Today's news comes less than four years after Mark Zuckerberg started the online social networking site in his Harvard University dorm room.

Besides validating Zuckerberg's decision to rebuff a $US1 billion takeover offer from Yahoo last year, Microsoft's money should be more than enough to pay for Facebook's ambitious expansion plans until the privately held company goes public.

Zuckerberg, 23, has indicated he would like to hold off on an initial public offering for at least two more years. In the meantime, Facebook hopes to become an advertising magnet by substantially increasing its current audience of nearly 50 million active users, who connect with friends on the site through messaging, photo-sharing and other tools.

The deal means Microsoft will become the exclusive third-party advertising partner for Facebook, and will begin to sell advertising for Facebook internationally in addition to the United States, the companies said.

"We are pleased to take our Microsoft partnership to the next level," said Owen Van Natta, vice-president of operations and chief revenue officer at Facebook.

"We think this expanded relationship will allow Facebook to continue to innovate and grow as a technology leader and major player in social computing, as well as bring relevant advertising to the more than 49 million active users of Facebook."

Reports said the deal came after fierce competition between Microsoft and Google.

The Facebook investment represents a coup for Microsoft because it provides the world's largest software maker with a toehold on one of the internet's hottest platforms and a potentially lucrative forum for selling online ads.

With the Facebook investment, Microsoft dealt a rare setback to Google, which had previously trumped its bitter rival in earlier bidding battles involving AOL and internet ad service DoubleClick.

Although News Corp's MySpace.com remains the largest social network, Facebook has been growing at a far more rapid clip during the past year.

Facebook attracted 30.6 million US visitors during September compared with 68.4 million at MySpace.

In September, Facebook was the 6th most visited property worldwide with 73.5 million unique visitors (aged 15 and over), and the 5th most highly trafficked property worldwide with 34.5 billion page views, according to  ratings agency comScore. 

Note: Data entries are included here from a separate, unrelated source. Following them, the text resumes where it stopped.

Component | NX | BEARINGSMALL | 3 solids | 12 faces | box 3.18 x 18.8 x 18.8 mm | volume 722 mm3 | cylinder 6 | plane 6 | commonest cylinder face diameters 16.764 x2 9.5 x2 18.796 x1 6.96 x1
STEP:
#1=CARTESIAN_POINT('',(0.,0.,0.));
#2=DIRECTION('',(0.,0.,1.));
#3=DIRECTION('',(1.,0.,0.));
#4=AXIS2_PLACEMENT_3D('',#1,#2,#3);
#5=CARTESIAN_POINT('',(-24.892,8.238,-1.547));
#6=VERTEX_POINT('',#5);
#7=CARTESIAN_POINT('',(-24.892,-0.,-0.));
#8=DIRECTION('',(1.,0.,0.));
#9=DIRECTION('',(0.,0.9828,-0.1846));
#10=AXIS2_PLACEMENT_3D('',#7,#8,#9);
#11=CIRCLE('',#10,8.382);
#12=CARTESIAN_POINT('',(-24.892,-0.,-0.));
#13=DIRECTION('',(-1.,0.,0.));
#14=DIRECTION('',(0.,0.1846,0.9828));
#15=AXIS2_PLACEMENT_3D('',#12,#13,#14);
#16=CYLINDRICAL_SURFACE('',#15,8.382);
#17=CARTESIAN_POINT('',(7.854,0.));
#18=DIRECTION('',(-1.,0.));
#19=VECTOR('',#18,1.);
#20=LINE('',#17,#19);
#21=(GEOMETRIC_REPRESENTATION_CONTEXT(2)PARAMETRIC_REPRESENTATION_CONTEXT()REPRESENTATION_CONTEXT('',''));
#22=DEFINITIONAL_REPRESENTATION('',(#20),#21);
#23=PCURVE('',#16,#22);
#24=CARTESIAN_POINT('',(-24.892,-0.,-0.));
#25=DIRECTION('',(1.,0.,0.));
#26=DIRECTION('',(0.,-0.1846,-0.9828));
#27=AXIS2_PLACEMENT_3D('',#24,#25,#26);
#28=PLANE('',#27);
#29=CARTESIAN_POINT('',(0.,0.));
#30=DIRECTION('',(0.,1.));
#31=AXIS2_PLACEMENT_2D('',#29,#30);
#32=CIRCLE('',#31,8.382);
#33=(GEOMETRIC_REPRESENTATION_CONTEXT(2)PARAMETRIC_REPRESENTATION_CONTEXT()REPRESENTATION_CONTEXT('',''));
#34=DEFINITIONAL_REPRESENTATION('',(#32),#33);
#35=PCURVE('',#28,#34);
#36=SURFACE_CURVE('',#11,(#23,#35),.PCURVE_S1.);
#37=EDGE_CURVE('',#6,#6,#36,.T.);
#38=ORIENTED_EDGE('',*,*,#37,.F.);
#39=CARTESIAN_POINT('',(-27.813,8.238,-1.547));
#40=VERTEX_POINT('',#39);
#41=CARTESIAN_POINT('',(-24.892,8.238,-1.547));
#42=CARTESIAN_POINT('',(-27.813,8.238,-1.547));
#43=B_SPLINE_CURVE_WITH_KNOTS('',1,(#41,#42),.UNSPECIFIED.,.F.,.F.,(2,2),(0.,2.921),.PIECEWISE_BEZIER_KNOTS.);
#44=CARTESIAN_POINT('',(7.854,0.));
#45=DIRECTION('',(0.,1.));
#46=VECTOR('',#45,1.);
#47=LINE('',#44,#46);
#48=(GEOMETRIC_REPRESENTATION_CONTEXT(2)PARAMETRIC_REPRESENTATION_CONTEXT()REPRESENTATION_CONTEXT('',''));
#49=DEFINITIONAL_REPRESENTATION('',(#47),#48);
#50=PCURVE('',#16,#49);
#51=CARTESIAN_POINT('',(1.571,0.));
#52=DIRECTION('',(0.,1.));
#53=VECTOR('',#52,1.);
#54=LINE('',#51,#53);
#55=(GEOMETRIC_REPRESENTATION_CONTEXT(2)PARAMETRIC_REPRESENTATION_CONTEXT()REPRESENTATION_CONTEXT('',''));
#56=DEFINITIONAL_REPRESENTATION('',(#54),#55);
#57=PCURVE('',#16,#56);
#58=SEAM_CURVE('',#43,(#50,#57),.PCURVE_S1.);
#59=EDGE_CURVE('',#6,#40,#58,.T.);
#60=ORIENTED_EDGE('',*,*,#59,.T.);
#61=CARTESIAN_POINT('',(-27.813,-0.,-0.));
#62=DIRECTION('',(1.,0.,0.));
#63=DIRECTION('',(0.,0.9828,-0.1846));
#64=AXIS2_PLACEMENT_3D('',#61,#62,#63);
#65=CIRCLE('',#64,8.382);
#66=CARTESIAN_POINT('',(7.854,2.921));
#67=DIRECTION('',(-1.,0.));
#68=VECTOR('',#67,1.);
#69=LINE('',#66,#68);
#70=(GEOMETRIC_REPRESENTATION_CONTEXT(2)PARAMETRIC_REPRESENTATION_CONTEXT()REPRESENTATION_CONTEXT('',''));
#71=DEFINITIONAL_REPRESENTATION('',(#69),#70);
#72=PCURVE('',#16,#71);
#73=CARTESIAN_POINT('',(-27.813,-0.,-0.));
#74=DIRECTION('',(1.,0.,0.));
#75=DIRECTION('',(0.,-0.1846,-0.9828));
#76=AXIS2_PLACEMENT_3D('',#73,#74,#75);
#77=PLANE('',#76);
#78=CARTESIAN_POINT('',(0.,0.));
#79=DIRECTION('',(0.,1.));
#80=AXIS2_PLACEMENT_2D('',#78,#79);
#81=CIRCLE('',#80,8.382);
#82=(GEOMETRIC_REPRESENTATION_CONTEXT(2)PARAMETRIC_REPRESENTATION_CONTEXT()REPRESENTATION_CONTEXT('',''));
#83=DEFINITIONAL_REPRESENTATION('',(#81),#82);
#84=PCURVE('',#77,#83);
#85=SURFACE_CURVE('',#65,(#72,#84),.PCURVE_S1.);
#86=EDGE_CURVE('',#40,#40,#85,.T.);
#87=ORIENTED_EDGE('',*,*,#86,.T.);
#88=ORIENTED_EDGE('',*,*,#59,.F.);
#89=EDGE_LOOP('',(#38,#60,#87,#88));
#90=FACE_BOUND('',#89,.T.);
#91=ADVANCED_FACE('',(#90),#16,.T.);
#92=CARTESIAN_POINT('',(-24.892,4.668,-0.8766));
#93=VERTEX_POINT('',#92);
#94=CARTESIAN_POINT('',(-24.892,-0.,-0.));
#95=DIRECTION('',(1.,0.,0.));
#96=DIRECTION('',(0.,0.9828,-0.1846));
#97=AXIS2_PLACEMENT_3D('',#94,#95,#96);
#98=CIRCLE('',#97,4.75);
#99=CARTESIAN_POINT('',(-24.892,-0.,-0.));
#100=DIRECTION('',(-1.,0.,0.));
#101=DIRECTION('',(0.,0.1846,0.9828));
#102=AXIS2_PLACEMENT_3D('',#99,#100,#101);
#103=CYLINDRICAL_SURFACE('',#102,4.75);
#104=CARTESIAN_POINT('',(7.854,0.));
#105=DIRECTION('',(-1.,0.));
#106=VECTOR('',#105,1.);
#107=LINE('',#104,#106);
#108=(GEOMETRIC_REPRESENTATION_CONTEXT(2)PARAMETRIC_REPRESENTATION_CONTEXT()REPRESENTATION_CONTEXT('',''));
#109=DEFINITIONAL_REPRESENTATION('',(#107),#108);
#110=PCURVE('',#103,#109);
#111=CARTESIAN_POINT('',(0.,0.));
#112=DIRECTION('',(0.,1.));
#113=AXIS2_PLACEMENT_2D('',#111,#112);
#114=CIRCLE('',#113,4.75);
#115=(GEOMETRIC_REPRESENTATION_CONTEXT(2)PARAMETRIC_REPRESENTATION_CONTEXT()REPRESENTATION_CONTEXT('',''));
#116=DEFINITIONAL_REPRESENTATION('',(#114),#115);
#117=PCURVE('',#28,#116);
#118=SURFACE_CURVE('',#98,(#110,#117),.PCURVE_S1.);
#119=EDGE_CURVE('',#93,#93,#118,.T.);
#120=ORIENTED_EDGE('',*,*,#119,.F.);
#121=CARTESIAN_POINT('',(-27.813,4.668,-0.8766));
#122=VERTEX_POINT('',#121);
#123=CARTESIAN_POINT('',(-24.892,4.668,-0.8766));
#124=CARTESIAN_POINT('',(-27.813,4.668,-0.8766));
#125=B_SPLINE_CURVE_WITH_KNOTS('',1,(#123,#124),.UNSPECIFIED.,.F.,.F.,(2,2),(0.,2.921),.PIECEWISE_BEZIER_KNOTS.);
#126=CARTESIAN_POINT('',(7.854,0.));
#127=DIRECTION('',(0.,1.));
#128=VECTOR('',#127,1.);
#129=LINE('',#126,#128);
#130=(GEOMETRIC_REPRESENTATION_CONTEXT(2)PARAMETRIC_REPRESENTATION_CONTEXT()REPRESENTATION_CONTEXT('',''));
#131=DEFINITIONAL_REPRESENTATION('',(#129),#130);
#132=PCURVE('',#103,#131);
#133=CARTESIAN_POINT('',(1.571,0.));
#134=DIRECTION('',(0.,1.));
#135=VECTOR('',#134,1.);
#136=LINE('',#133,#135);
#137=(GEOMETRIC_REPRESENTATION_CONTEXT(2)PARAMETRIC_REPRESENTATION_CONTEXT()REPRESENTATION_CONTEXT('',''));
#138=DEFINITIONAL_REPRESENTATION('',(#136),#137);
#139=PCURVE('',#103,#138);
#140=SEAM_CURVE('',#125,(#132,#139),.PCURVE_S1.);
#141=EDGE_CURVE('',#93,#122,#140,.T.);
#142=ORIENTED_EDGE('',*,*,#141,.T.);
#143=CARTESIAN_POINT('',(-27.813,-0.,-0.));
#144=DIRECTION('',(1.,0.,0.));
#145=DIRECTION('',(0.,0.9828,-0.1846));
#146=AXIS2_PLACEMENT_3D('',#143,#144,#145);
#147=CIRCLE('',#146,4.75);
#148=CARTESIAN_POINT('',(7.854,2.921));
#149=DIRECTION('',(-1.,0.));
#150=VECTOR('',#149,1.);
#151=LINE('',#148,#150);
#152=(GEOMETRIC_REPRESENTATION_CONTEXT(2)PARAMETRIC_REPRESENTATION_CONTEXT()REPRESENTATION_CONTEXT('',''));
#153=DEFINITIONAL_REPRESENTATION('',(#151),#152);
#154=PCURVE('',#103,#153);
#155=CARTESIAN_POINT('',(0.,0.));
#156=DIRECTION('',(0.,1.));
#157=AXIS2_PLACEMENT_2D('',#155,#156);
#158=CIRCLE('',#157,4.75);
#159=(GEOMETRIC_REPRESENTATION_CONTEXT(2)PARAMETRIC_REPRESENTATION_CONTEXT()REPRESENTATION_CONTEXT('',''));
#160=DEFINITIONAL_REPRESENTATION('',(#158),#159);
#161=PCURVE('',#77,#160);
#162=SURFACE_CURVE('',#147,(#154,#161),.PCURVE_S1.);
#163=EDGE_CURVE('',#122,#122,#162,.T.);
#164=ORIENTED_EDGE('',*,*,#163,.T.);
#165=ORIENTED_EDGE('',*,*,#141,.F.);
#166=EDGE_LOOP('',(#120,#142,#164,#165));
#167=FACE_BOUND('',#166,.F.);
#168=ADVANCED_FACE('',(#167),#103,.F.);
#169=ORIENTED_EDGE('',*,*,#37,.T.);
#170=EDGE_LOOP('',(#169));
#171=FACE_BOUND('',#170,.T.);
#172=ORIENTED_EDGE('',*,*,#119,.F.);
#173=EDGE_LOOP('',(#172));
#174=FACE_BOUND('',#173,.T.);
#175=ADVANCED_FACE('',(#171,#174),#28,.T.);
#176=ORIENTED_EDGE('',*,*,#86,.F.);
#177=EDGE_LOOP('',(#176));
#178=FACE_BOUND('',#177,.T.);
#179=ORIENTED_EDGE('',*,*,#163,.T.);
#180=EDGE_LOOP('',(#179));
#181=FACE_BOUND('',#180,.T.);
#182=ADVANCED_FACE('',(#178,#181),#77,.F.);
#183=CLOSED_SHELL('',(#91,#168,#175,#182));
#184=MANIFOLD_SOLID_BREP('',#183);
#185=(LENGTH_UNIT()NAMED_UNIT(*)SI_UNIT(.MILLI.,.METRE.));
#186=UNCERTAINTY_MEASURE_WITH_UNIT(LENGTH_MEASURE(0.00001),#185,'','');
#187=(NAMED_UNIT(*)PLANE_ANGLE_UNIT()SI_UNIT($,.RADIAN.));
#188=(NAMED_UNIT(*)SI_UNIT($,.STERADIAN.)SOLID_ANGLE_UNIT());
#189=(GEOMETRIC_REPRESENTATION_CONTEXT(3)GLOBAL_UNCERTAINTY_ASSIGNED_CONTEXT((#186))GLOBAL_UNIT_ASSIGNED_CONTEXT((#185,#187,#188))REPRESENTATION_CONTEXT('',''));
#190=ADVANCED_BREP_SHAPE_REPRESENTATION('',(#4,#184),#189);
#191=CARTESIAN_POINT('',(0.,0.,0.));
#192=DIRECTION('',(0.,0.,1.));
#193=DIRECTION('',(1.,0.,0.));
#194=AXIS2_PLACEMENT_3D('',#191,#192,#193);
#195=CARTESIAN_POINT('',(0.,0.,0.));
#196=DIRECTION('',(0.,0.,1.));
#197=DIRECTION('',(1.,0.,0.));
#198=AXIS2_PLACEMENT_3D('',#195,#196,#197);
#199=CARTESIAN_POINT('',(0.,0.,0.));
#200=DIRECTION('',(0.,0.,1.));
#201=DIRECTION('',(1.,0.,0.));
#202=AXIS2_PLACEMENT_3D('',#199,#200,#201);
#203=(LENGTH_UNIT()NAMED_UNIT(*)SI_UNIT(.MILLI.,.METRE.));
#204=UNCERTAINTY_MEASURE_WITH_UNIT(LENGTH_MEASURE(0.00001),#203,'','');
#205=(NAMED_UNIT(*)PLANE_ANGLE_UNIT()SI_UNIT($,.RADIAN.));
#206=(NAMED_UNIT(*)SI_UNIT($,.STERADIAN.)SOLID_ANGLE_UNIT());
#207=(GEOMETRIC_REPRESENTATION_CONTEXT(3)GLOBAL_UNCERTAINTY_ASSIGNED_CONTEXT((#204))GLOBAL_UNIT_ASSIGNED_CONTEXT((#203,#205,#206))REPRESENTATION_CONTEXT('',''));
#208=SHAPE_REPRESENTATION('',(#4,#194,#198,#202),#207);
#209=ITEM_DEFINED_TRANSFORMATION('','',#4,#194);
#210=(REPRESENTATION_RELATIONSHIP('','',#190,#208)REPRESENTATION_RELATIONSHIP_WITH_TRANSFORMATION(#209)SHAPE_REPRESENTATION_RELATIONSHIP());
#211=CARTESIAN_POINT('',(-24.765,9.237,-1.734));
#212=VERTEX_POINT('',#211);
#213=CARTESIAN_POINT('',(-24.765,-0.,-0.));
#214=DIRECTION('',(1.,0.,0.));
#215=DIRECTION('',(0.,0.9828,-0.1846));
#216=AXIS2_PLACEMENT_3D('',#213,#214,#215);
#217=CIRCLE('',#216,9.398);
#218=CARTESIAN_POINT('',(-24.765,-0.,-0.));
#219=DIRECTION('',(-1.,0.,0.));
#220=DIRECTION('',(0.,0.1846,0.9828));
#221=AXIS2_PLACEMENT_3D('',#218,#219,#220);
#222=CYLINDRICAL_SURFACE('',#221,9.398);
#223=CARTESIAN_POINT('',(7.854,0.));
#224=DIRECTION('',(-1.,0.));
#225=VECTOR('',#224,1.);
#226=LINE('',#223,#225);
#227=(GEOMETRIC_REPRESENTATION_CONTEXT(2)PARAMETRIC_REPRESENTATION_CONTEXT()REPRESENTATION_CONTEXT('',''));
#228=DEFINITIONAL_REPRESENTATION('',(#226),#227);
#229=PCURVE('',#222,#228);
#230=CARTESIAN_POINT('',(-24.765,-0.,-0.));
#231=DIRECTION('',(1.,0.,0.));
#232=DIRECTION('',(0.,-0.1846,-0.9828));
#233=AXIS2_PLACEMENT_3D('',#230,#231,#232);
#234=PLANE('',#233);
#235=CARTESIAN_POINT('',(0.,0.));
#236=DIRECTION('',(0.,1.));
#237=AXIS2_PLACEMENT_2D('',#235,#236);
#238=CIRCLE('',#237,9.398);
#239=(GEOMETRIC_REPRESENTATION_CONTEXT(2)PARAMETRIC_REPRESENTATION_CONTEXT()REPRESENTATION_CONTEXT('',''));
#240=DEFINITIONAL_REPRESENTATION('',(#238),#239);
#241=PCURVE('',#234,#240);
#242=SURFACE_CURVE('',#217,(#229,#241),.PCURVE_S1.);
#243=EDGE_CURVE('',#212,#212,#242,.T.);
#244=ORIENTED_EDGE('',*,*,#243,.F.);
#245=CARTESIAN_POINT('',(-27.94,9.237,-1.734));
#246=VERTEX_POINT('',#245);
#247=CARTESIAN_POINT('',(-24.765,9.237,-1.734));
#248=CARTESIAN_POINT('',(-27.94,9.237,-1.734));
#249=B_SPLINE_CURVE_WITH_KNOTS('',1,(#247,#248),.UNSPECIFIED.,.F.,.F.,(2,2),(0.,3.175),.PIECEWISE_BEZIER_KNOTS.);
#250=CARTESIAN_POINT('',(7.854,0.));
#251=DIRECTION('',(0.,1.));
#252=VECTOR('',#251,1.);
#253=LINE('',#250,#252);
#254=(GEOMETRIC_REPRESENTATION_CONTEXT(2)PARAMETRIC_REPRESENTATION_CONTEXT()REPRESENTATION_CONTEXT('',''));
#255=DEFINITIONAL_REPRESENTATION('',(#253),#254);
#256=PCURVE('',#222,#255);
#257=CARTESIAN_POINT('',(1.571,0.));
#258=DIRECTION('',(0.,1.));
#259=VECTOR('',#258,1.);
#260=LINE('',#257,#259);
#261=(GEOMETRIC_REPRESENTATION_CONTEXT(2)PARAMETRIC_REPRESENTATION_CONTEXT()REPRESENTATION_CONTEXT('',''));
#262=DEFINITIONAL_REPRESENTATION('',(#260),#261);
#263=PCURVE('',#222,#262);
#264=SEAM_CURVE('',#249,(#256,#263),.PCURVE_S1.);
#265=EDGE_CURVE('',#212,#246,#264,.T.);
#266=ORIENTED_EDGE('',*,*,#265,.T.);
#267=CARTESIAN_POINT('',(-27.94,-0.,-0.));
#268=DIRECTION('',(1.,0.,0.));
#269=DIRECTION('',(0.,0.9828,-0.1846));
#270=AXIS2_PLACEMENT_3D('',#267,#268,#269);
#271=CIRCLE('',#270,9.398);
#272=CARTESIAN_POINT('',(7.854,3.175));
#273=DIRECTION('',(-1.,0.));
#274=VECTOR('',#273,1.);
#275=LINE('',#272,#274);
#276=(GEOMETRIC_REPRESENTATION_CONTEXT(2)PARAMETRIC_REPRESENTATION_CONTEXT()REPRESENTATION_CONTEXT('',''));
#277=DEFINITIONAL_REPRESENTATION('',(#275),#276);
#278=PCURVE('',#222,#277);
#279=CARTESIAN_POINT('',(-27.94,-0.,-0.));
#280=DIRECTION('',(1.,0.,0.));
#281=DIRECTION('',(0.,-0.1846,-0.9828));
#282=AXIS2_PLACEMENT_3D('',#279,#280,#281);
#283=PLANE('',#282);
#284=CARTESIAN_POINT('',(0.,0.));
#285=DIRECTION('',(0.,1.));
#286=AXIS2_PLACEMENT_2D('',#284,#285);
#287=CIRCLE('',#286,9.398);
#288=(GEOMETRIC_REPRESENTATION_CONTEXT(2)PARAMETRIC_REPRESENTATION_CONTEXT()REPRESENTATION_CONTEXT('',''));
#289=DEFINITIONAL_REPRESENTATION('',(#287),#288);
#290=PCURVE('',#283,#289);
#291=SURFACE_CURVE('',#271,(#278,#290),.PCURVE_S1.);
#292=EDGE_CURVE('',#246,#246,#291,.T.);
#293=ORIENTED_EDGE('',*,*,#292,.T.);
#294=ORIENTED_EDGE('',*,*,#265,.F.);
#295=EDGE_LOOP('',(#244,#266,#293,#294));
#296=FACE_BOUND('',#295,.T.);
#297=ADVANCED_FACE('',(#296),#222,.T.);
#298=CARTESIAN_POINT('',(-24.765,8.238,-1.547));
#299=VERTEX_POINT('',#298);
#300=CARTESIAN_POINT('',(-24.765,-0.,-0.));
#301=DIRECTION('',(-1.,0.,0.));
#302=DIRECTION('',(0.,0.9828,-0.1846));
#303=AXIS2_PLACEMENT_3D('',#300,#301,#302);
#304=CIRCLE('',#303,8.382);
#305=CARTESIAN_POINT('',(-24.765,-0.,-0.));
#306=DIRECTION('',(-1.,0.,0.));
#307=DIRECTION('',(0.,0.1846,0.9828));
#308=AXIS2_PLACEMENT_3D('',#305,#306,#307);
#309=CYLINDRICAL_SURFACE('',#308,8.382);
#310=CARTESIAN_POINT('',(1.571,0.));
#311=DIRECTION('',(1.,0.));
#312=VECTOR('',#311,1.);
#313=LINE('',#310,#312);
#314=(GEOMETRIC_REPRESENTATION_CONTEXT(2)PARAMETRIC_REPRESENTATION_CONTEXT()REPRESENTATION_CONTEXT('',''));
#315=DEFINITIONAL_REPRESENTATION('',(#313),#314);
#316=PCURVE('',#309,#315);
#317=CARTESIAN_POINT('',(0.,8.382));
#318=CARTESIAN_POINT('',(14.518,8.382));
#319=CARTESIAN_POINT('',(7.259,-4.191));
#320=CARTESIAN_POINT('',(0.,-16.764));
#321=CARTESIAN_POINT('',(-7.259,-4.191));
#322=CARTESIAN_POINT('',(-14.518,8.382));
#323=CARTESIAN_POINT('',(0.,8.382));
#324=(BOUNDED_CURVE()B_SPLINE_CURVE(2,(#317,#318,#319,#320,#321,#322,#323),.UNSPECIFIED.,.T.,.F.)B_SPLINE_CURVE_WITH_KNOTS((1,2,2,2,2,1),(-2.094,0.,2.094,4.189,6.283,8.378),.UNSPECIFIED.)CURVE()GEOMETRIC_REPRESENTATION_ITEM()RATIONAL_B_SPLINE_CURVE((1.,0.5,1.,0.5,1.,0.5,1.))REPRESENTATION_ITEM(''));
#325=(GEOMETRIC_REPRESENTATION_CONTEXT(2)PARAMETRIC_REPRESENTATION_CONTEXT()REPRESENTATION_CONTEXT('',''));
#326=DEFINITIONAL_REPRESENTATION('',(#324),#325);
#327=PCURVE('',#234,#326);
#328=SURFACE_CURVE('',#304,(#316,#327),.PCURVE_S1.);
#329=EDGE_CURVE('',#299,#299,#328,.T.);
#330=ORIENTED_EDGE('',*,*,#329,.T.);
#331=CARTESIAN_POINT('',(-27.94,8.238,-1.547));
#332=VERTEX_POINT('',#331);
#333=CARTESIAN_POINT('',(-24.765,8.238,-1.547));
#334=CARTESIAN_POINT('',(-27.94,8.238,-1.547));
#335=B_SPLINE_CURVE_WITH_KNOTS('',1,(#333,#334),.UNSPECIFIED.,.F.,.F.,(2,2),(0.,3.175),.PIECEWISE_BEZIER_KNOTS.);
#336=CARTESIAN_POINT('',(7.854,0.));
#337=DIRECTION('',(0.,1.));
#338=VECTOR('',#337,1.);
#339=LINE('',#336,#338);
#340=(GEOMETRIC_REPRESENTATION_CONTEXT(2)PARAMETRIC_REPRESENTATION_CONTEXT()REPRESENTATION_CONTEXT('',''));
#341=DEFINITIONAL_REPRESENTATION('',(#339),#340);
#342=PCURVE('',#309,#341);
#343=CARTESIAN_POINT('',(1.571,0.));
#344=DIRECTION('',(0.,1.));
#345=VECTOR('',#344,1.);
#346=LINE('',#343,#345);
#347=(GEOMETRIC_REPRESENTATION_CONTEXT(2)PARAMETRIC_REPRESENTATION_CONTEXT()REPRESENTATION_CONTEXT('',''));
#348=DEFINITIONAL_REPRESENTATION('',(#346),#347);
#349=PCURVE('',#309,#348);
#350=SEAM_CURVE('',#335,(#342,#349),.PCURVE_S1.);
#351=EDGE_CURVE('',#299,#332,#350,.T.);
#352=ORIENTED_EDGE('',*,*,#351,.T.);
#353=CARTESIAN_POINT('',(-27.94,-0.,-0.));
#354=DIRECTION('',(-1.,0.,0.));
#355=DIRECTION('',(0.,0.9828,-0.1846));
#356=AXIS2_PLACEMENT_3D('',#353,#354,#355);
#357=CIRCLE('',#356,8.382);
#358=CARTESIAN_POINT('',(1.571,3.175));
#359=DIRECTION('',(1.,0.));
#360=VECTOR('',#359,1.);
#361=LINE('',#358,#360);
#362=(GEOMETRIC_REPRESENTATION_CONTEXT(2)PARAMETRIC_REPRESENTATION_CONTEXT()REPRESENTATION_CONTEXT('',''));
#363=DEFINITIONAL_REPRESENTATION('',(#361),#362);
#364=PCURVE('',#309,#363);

The agency said Microsoft's social networking equivalent - called "Windows Live Spaces" - attracted an audience of 9.8 million.

AFP and AP


----------



## michael_selway (20 November 2007)

Is facebook down atm? Can anyone log in?

www.facebook.com

thx

MS


----------



## kgee (20 November 2007)

michael_selway said:


> Is facebook down atm? Can anyone log in?
> 
> www.facebook.com
> 
> ...




Mine seems to be working...


----------



## Sean K (5 April 2008)

Is facebook OK?

I've been VERY careful about who I allow to be a 'friend' on facebook, but are there other downfalls? Such as identity theft, etc, etc.... 



> *Jewish woman threatened through Facebook*
> 
> COUNTER-TERRORISM agents have launched an investigation into a multi-national terror threat made against an Australian using social networking website Facebook.
> 
> ...


----------



## marklar (5 April 2008)

kennas said:


> Is facebook OK?



It's ok provided you are careful with the information you disclose on there.  Some people end up putting up personal details that can be used to help someone impersonate them.  

Simple things like knowing the names of your family members, dates you were or are out of the country, schools you went to, where you work, little pieces of information that help someone construct a credible persona with your name. The Internet never forgets!

m.


----------



## reece55 (5 April 2008)

kennas said:


> Is facebook OK?
> 
> I've been VERY careful about who I allow to be a 'friend' on facebook, but are there other downfalls? Such as identity theft, etc, etc....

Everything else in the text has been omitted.